Discriminant Function Analysis in SPSS To do DFA in SPSS, start from “Classify” in the “Analyze” menu (because we’re trying to classify participants into different groups). In this case we’re looking at a dataset that describes children with ADHD. Research tells us that the degree of symptom impairment in childhood disorders is often in the eye of the beholder—some adults may think that a child has difficulty behaving, and other adults may not see it as a problem. For instance mothers (who are still most often the child’s primary caregiver) may think that a child has difficulty sitting still, while fathers (who may see the child primarily in less-structured “play” settings) may believe the behavior is “just kids being kids.” We’re going to look at whether the symptoms reported on four different measures (q1, q2, q3, and q4) can tell us whether those symptom ratings were provided by the child’s mother (“parent” = 1) or by the child’s father (“parent” = 2).
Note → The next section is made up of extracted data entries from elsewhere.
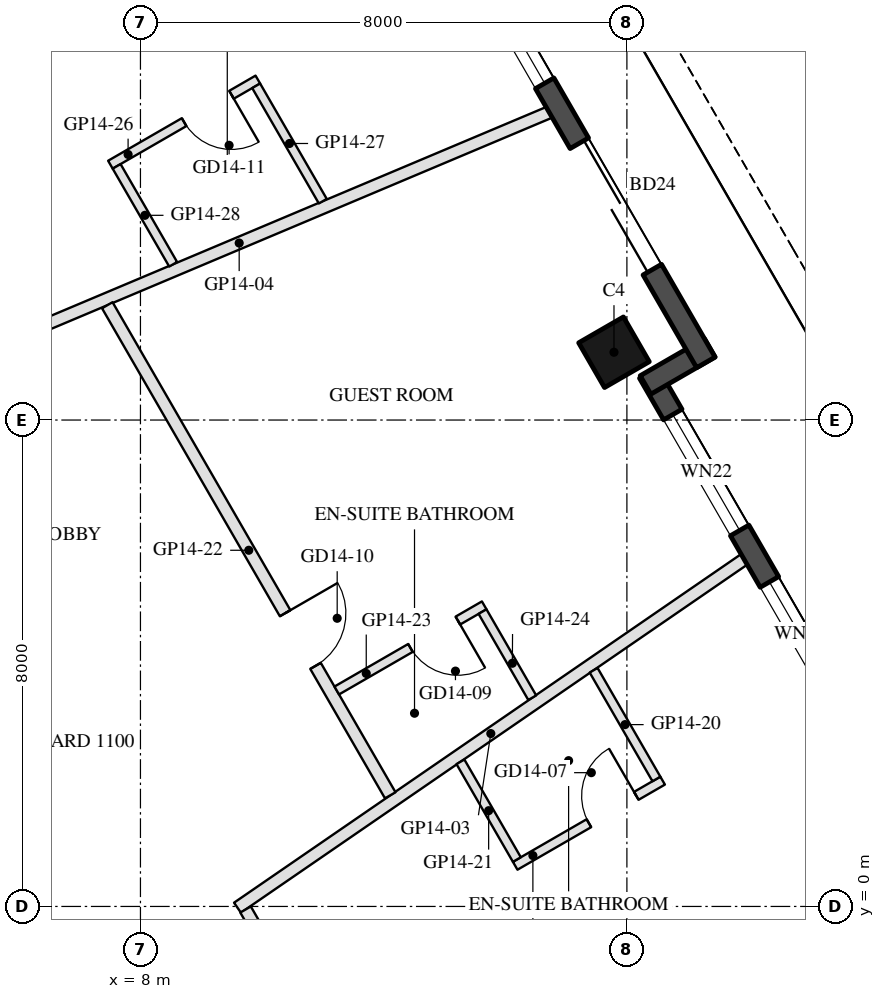
"""IFC4 building model, lengths in metres.
Left out: names, types, materials, properties, quantities, classifications, styles, units other than length and angle.
Written with IfcOpenShell. Run it as: python <this file> out.ifc"""

import sys

from ifc_helpers import new_model, si_unit, direction, frame, frame_2d, origin, origin_2d, place, context, subcontext, project, spatial, rectangle, hollow_rectangle, extrude, element, fill, save


model = new_model("IFC4")
c1 = context("Model", 3, precision=1e-05, world=origin(), true_north=direction((0.0, 1.0)))
c2 = subcontext(c1, "Body", "Model", "MODEL_VIEW")
j1 = project(units=[si_unit("LENGTHUNIT", "METRE"), si_unit("PLANEANGLEUNIT", "RADIAN")], contexts=[c1])
p1 = place(None, origin())
s1 = spatial("IfcSite", under=j1, at=p1, CompositionType="ELEMENT")
p2 = place(p1, origin())
s2 = spatial("IfcBuilding", under=s1, at=p2, CompositionType="ELEMENT")
p3 = place(p2, frame((0.0, 0.0, 165.1)))
s3 = spatial("IfcBuildingStorey", under=s2, at=p3, CompositionType="ELEMENT", Elevation=165.1)
p4 = place(p3, frame((15.788, 9.115, 0.0), z_axis=(0.0, 0.0, 1.0), x_axis=(-0.5, 0.866025403784, 0.0)))
e1 = element("IfcColumn", 1, at=p4, inside=s3, PredefinedType="COLUMN", context=c2, shape_type="SweptSolid", body=[
    extrude(hollow_rectangle(XDim=0.85, YDim=0.85, WallThickness=0.04, at=origin_2d()), origin(), (0.0, 0.0, 1.0), 3.7),
])
p5 = place(p3, frame((19.729, 2.938, 0.0), z_axis=(0.0, 0.0, 1.0), x_axis=(-0.499976430342, 0.866039011305, 0.0)))
e2 = element("IfcWall", 2, at=p5, inside=s3, PredefinedType="SOLIDWALL", context=c2, shape_type="SweptSolid", body=[
    extrude(rectangle(XDim=6.74, YDim=0.35, at=frame_2d((3.37, 0.0))), origin(), (0.0, 0.0, 1.0), 3.55),
])
p6 = place(p5, frame((0.77, 0.0, 0.3)))
e3 = element("IfcOpeningElement", 3, at=p6, cuts=e2, PredefinedType="OPENING", context=c2, shape_type="SweptSolid", body=[
    extrude(rectangle(XDim=2.0, YDim=2.65, at=frame_2d((1.0, 1.325))), frame((0.0, 0.185, 0.0), z_axis=(0.0, -1.0, 0.0), x_axis=(1.0, 0.0, 0.0)), (0.0, 0.0, 1.0), 0.37),
])
p7 = place(p5, frame((3.749, 0.0, 0.3)))
e4 = element("IfcOpeningElement", 4, at=p7, cuts=e2, PredefinedType="OPENING", context=c2, shape_type="SweptSolid", body=[
    extrude(rectangle(XDim=2.2, YDim=2.65, at=frame_2d((1.1, 1.325))), frame((0.0, 0.185, 0.0), z_axis=(0.0, -1.0, 0.0), x_axis=(1.0, 0.0, 0.0)), (0.0, 0.0, 1.0), 0.37),
])
p8 = place(p3, frame((16.306, 8.577, 0.0), z_axis=(0.0, 0.0, 1.0), x_axis=(0.866092288191, 0.499884134912, 0.0)))
e5 = element("IfcWall", 5, at=p8, inside=s3, PredefinedType="SOLIDWALL", context=c2, shape_type="SweptSolid", body=[
    extrude(rectangle(XDim=1.22, YDim=0.35, at=frame_2d((0.61, 0.0))), origin(), (0.0, 0.0, 1.0), 3.55),
])
p9 = place(p3, frame((17.299, 8.948, 0.0), z_axis=(0.0, 0.0, 1.0), x_axis=(-0.500010041276, 0.866019606374, 0.0)))
e6 = element("IfcWall", 6, at=p9, inside=s3, PredefinedType="SOLIDWALL", context=c2, shape_type="SweptSolid", body=[
    extrude(rectangle(XDim=9.7, YDim=0.35, at=frame_2d((4.85, 0.0))), origin(), (0.0, 0.0, 1.0), 3.55),
])
p10 = place(p9, frame((1.762, 0.0, 0.0)))
e7 = element("IfcOpeningElement", 7, at=p10, cuts=e6, PredefinedType="OPENING", context=c2, shape_type="SweptSolid", body=[
    extrude(rectangle(XDim=2.4, YDim=2.4, at=frame_2d((1.2, 1.2))), frame((0.0, 0.185, 0.0), z_axis=(0.0, -1.0, 0.0), x_axis=(1.0, 0.0, 0.0)), (0.0, 0.0, 1.0), 0.37),
])
p11 = place(p9, frame((5.301, 0.0, 0.3)))
e8 = element("IfcOpeningElement", 8, at=p11, cuts=e6, PredefinedType="OPENING", context=c2, shape_type="SweptSolid", body=[
    extrude(rectangle(XDim=2.7, YDim=2.65, at=frame_2d((1.35, 1.325))), frame((0.0, 0.185, 0.0), z_axis=(0.0, -1.0, 0.0), x_axis=(1.0, 0.0, 0.0)), (0.0, 0.0, 1.0), 0.37),
])
p12 = place(p3, frame((17.928, 5.708, 0.0), z_axis=(0.0, 0.0, 1.0), x_axis=(-0.824041924199, -0.566528822887, 0.0)))
e9 = element("IfcWall", 9, at=p12, inside=s3, PredefinedType="PARTITIONING", context=c2, shape_type="SweptSolid", body=[
    extrude(rectangle(XDim=10.111, YDim=0.2, at=frame_2d((5.056, 0.0))), origin(), (0.0, 0.0, 1.0), 2.95),
])
p13 = place(p3, frame((14.722, 13.061, 0.0), z_axis=(0.0, 0.0, 1.0), x_axis=(-0.921447968583, -0.388501790465, 0.0)))
e10 = element("IfcWall", 10, at=p13, inside=s3, PredefinedType="PARTITIONING", context=c2, shape_type="SweptSolid", body=[
    extrude(rectangle(XDim=11.066, YDim=0.2, at=frame_2d((5.533, 0.0))), origin(), (0.0, 0.0, 1.0), 2.95),
])
p14 = place(p3, frame((9.729, -0.051, 0.0), z_axis=(0.0, 0.0, 1.0), x_axis=(0.500005339912, -0.866022320763, 0.0)))
e11 = element("IfcWall", 11, at=p14, inside=s3, PredefinedType="PARTITIONING", context=c2, shape_type="SweptSolid", body=[
    extrude(rectangle(XDim=5.08, YDim=0.2, at=frame_2d((2.54, 0.0))), origin(), (0.0, 0.0, 1.0), 2.95),
])
p15 = place(p14, frame((2.04, 0.0, 0.0)))
e12 = element("IfcOpeningElement", 12, at=p15, cuts=e11, PredefinedType="OPENING", context=c2, shape_type="SweptSolid", body=[
    extrude(rectangle(XDim=1.0, YDim=2.1, at=frame_2d((0.5, 1.05))), frame((0.0, 0.11, 0.0), z_axis=(0.0, -1.0, 0.0), x_axis=(1.0, 0.0, 0.0)), (0.0, 0.0, 1.0), 0.22),
])
p16 = place(p3, frame((14.163, 0.669, 0.0), z_axis=(0.0, 0.0, 1.0), x_axis=(0.866056369097, 0.49994636267, 0.0)))
e13 = element("IfcWall", 13, at=p16, inside=s3, PredefinedType="PARTITIONING", context=c2, shape_type="SweptSolid", body=[
    extrude(rectangle(XDim=2.8, YDim=0.15, at=frame_2d((1.4, 0.0))), origin(), (0.0, 0.0, 1.0), 3.55),
])
p17 = place(p16, frame((1.4, 0.0, 0.0)))
e14 = element("IfcOpeningElement", 14, at=p17, cuts=e13, PredefinedType="OPENING", context=c2, shape_type="SweptSolid", body=[
    extrude(rectangle(XDim=0.9, YDim=2.1, at=frame_2d((0.45, 1.05))), frame((0.0, 0.085, 0.0), z_axis=(0.0, -1.0, 0.0), x_axis=(1.0, 0.0, 0.0)), (0.0, 0.0, 1.0), 0.17),
])
p18 = place(p3, frame((16.485, 2.096, 0.0), z_axis=(0.0, 0.0, 1.0), x_axis=(-0.499991955492, 0.866030048233, 0.0)))
e15 = element("IfcWall", 15, at=p18, inside=s3, PredefinedType="PARTITIONING", context=c2, shape_type="SweptSolid", body=[
    extrude(rectangle(XDim=2.065, YDim=0.15, at=frame_2d((1.032, 0.0))), origin(), (0.0, 0.0, 1.0), 3.55),
])
p19 = place(p3, frame((14.19, 0.771, 0.0), z_axis=(0.0, 0.0, 1.0), x_axis=(-0.499972951856, 0.866041019474, 0.0)))
e16 = element("IfcWall", 16, at=p19, inside=s3, PredefinedType="PARTITIONING", context=c2, shape_type="SweptSolid", body=[
    extrude(rectangle(XDim=1.856, YDim=0.15, at=frame_2d((0.928, 0.0))), origin(), (0.0, 0.0, 1.0), 3.55),
])
p20 = place(p3, frame((7.455, 9.888, 0.0), z_axis=(0.0, 0.0, 1.0), x_axis=(0.499995688794, -0.866027892846, 0.0)))
e17 = element("IfcWall", 17, at=p20, inside=s3, PredefinedType="PARTITIONING", context=c2, shape_type="SweptSolid", body=[
    extrude(rectangle(XDim=9.307, YDim=0.2, at=frame_2d((4.654, 0.0))), origin(), (0.0, 0.0, 1.0), 2.95),
])
p21 = place(p20, frame((5.849, 0.0, 0.0)))
e18 = element("IfcOpeningElement", 18, at=p21, cuts=e17, PredefinedType="OPENING", context=c2, shape_type="SweptSolid", body=[
    extrude(rectangle(XDim=1.0, YDim=2.1, at=frame_2d((0.5, 1.05))), frame((0.0, 0.11, 0.0), z_axis=(0.0, -1.0, 0.0), x_axis=(1.0, 0.0, 0.0)), (0.0, 0.0, 1.0), 0.22),
])
p22 = place(p3, frame((13.653, 4.952, 0.0), z_axis=(0.0, 0.0, 1.0), x_axis=(-0.866034573852, -0.49998411664, 0.0)))
e19 = element("IfcWall", 19, at=p22, inside=s3, PredefinedType="PARTITIONING", context=c2, shape_type="SweptSolid", body=[
    extrude(rectangle(XDim=2.8, YDim=0.15, at=frame_2d((1.4, 0.0))), origin(), (0.0, 0.0, 1.0), 3.55),
])
p23 = place(p22, frame((0.5, 0.0, 0.0)))
e20 = element("IfcOpeningElement", 20, at=p23, cuts=e19, PredefinedType="OPENING", context=c2, shape_type="SweptSolid", body=[
    extrude(rectangle(XDim=0.9, YDim=2.1, at=frame_2d((0.45, 1.05))), frame((0.0, 0.085, 0.0), z_axis=(0.0, -1.0, 0.0), x_axis=(1.0, 0.0, 0.0)), (0.0, 0.0, 1.0), 0.17),
])
p24 = place(p3, frame((14.443, 3.433, 0.0), z_axis=(0.0, 0.0, 1.0), x_axis=(-0.499976608306, 0.866038908564, 0.0)))
e21 = element("IfcWall", 21, at=p24, inside=s3, PredefinedType="PARTITIONING", context=c2, shape_type="SweptSolid", body=[
    extrude(rectangle(XDim=1.635, YDim=0.15, at=frame_2d((0.818, 0.0))), origin(), (0.0, 0.0, 1.0), 2.95),
])
p25 = place(p3, frame((9.931, 13.6, 0.0), z_axis=(0.0, 0.0, 1.0), x_axis=(-0.866034573852, -0.49998411664, 0.0)))
e22 = element("IfcWall", 22, at=p25, inside=s3, PredefinedType="PARTITIONING", context=c2, shape_type="SweptSolid", body=[
    extrude(rectangle(XDim=2.8, YDim=0.15, at=frame_2d((1.4, 0.0))), origin(), (0.0, 0.0, 1.0), 3.55),
])
p26 = place(p25, frame((0.5, 0.0, 0.0)))
e23 = element("IfcOpeningElement", 23, at=p26, cuts=e22, PredefinedType="OPENING", context=c2, shape_type="SweptSolid", body=[
    extrude(rectangle(XDim=0.9, YDim=2.1, at=frame_2d((0.45, 1.05))), frame((0.0, 0.085, 0.0), z_axis=(0.0, -1.0, 0.0), x_axis=(1.0, 0.0, 0.0)), (0.0, 0.0, 1.0), 0.17),
])
p27 = place(p3, frame((10.999, 11.6, 0.0), z_axis=(0.0, 0.0, 1.0), x_axis=(-0.499937856693, 0.866061279267, 0.0)))
e24 = element("IfcWall", 24, at=p27, inside=s3, PredefinedType="PARTITIONING", context=c2, shape_type="SweptSolid", body=[
    extrude(rectangle(XDim=2.191, YDim=0.15, at=frame_2d((1.096, 0.0))), origin(), (0.0, 0.0, 1.0), 3.55),
])
p28 = place(p3, frame((8.538, 10.562, 0.0), z_axis=(0.0, 0.0, 1.0), x_axis=(-0.500036928615, 0.866004081989, 0.0)))
e25 = element("IfcWall", 25, at=p28, inside=s3, PredefinedType="PARTITIONING", context=c2, shape_type="SweptSolid", body=[
    extrude(rectangle(XDim=1.859, YDim=0.15, at=frame_2d((0.93, 0.0))), origin(), (0.0, 0.0, 1.0), 3.55),
])
p29 = place(p6, origin())
e26 = element("IfcWindow", 26, at=p29, inside=s3, PartitioningType="SINGLE_PANEL", PredefinedType="WINDOW", context=c2, shape_type="SweptSolid", body=[
    extrude(rectangle(XDim=2.0, YDim=2.65, at=frame_2d((1.0, 1.325))), frame((0.0, 0.03, 0.0), z_axis=(0.0, -1.0, 0.0), x_axis=(1.0, 0.0, 0.0)), (0.0, 0.0, 1.0), 0.06),
])
fill(e3, e26)
p30 = place(p7, origin())
e27 = element("IfcWindow", 27, at=p30, inside=s3, PartitioningType="SINGLE_PANEL", PredefinedType="WINDOW", context=c2, shape_type="SweptSolid", body=[
    extrude(rectangle(XDim=2.2, YDim=2.65, at=frame_2d((1.1, 1.325))), frame((0.0, 0.03, 0.0), z_axis=(0.0, -1.0, 0.0), x_axis=(1.0, 0.0, 0.0)), (0.0, 0.0, 1.0), 0.06),
])
fill(e4, e27)
p31 = place(p10, frame((2.4, 0.0, 0.0), z_axis=(0.0, 0.0, 1.0), x_axis=(-1.0, 0.0, 0.0)))
e28 = element("IfcDoor", 28, at=p31, inside=s3, OperationType="SLIDING_TO_LEFT", PredefinedType="DOOR", context=c2, shape_type="SweptSolid", body=[
    extrude(rectangle(XDim=2.4, YDim=2.4, at=frame_2d((1.2, 1.2))), frame((0.0, 0.025, 0.0), z_axis=(0.0, -1.0, 0.0), x_axis=(1.0, 0.0, 0.0)), (0.0, 0.0, 1.0), 0.05),
])
fill(e7, e28)
p32 = place(p11, origin())
e29 = element("IfcWindow", 29, at=p32, inside=s3, PartitioningType="SINGLE_PANEL", PredefinedType="WINDOW", context=c2, shape_type="SweptSolid", body=[
    extrude(rectangle(XDim=2.7, YDim=2.65, at=frame_2d((1.35, 1.325))), frame((0.0, 0.03, 0.0), z_axis=(0.0, -1.0, 0.0), x_axis=(1.0, 0.0, 0.0)), (0.0, 0.0, 1.0), 0.06),
])
fill(e8, e29)
p33 = place(p17, origin())
e30 = element("IfcDoor", 30, at=p33, inside=s3, OperationType="SINGLE_SWING_RIGHT", PredefinedType="DOOR", context=c2, shape_type="SweptSolid", body=[
    extrude(rectangle(XDim=0.9, YDim=2.1, at=frame_2d((0.45, 1.05))), frame((0.0, 0.025, 0.0), z_axis=(0.0, -1.0, 0.0), x_axis=(1.0, 0.0, 0.0)), (0.0, 0.0, 1.0), 0.05),
])
fill(e14, e30)
p34 = place(p23, origin())
e31 = element("IfcDoor", 31, at=p34, inside=s3, OperationType="SINGLE_SWING_LEFT", PredefinedType="DOOR", context=c2, shape_type="SweptSolid", body=[
    extrude(rectangle(XDim=0.9, YDim=2.1, at=frame_2d((0.45, 1.05))), frame((0.0, 0.025, 0.0), z_axis=(0.0, -1.0, 0.0), x_axis=(1.0, 0.0, 0.0)), (0.0, 0.0, 1.0), 0.05),
])
fill(e20, e31)
p35 = place(p21, origin())
e32 = element("IfcDoor", 32, at=p35, inside=s3, OperationType="SINGLE_SWING_LEFT", PredefinedType="DOOR", context=c2, shape_type="SweptSolid", body=[
    extrude(rectangle(XDim=1.0, YDim=2.1, at=frame_2d((0.5, 1.05))), frame((0.0, 0.025, 0.0), z_axis=(0.0, -1.0, 0.0), x_axis=(1.0, 0.0, 0.0)), (0.0, 0.0, 1.0), 0.05),
])
fill(e18, e32)
p36 = place(p26, origin())
e33 = element("IfcDoor", 33, at=p36, inside=s3, OperationType="SINGLE_SWING_LEFT", PredefinedType="DOOR", context=c2, shape_type="SweptSolid", body=[
    extrude(rectangle(XDim=0.9, YDim=2.1, at=frame_2d((0.45, 1.05))), frame((0.0, 0.025, 0.0), z_axis=(0.0, -1.0, 0.0), x_axis=(1.0, 0.0, 0.0)), (0.0, 0.0, 1.0), 0.05),
])
fill(e23, e33)
save(model, sys.argv[1])

In the dialog box, put in “parent” as the “grouping variable” (in other words, the variable that you think defines different groups—your criterion variable for the analysis). It will appear in the box with two question marks after it—you have to tell SPSS what the codes are for the two groups that you want to compare. Hit “Define Range” and type in “1” and “2” as the different values of the “parent” variable that you want to compare. Then hit “Continue” to go on.

Now put the four “question” variables (q1-q4) in as the predictors (“independents”):

Hit the “Statistics” button to go on.

This sub-dialog box lets you see descriptive statistics on each predictor variable for the different groups. Let’s check “Means” to see some basic descriptive stats.

Hit “Continue” to go back to the main dialog box. Then, in the main dialog box, hit the “Classify” button to see the next sub-dialog.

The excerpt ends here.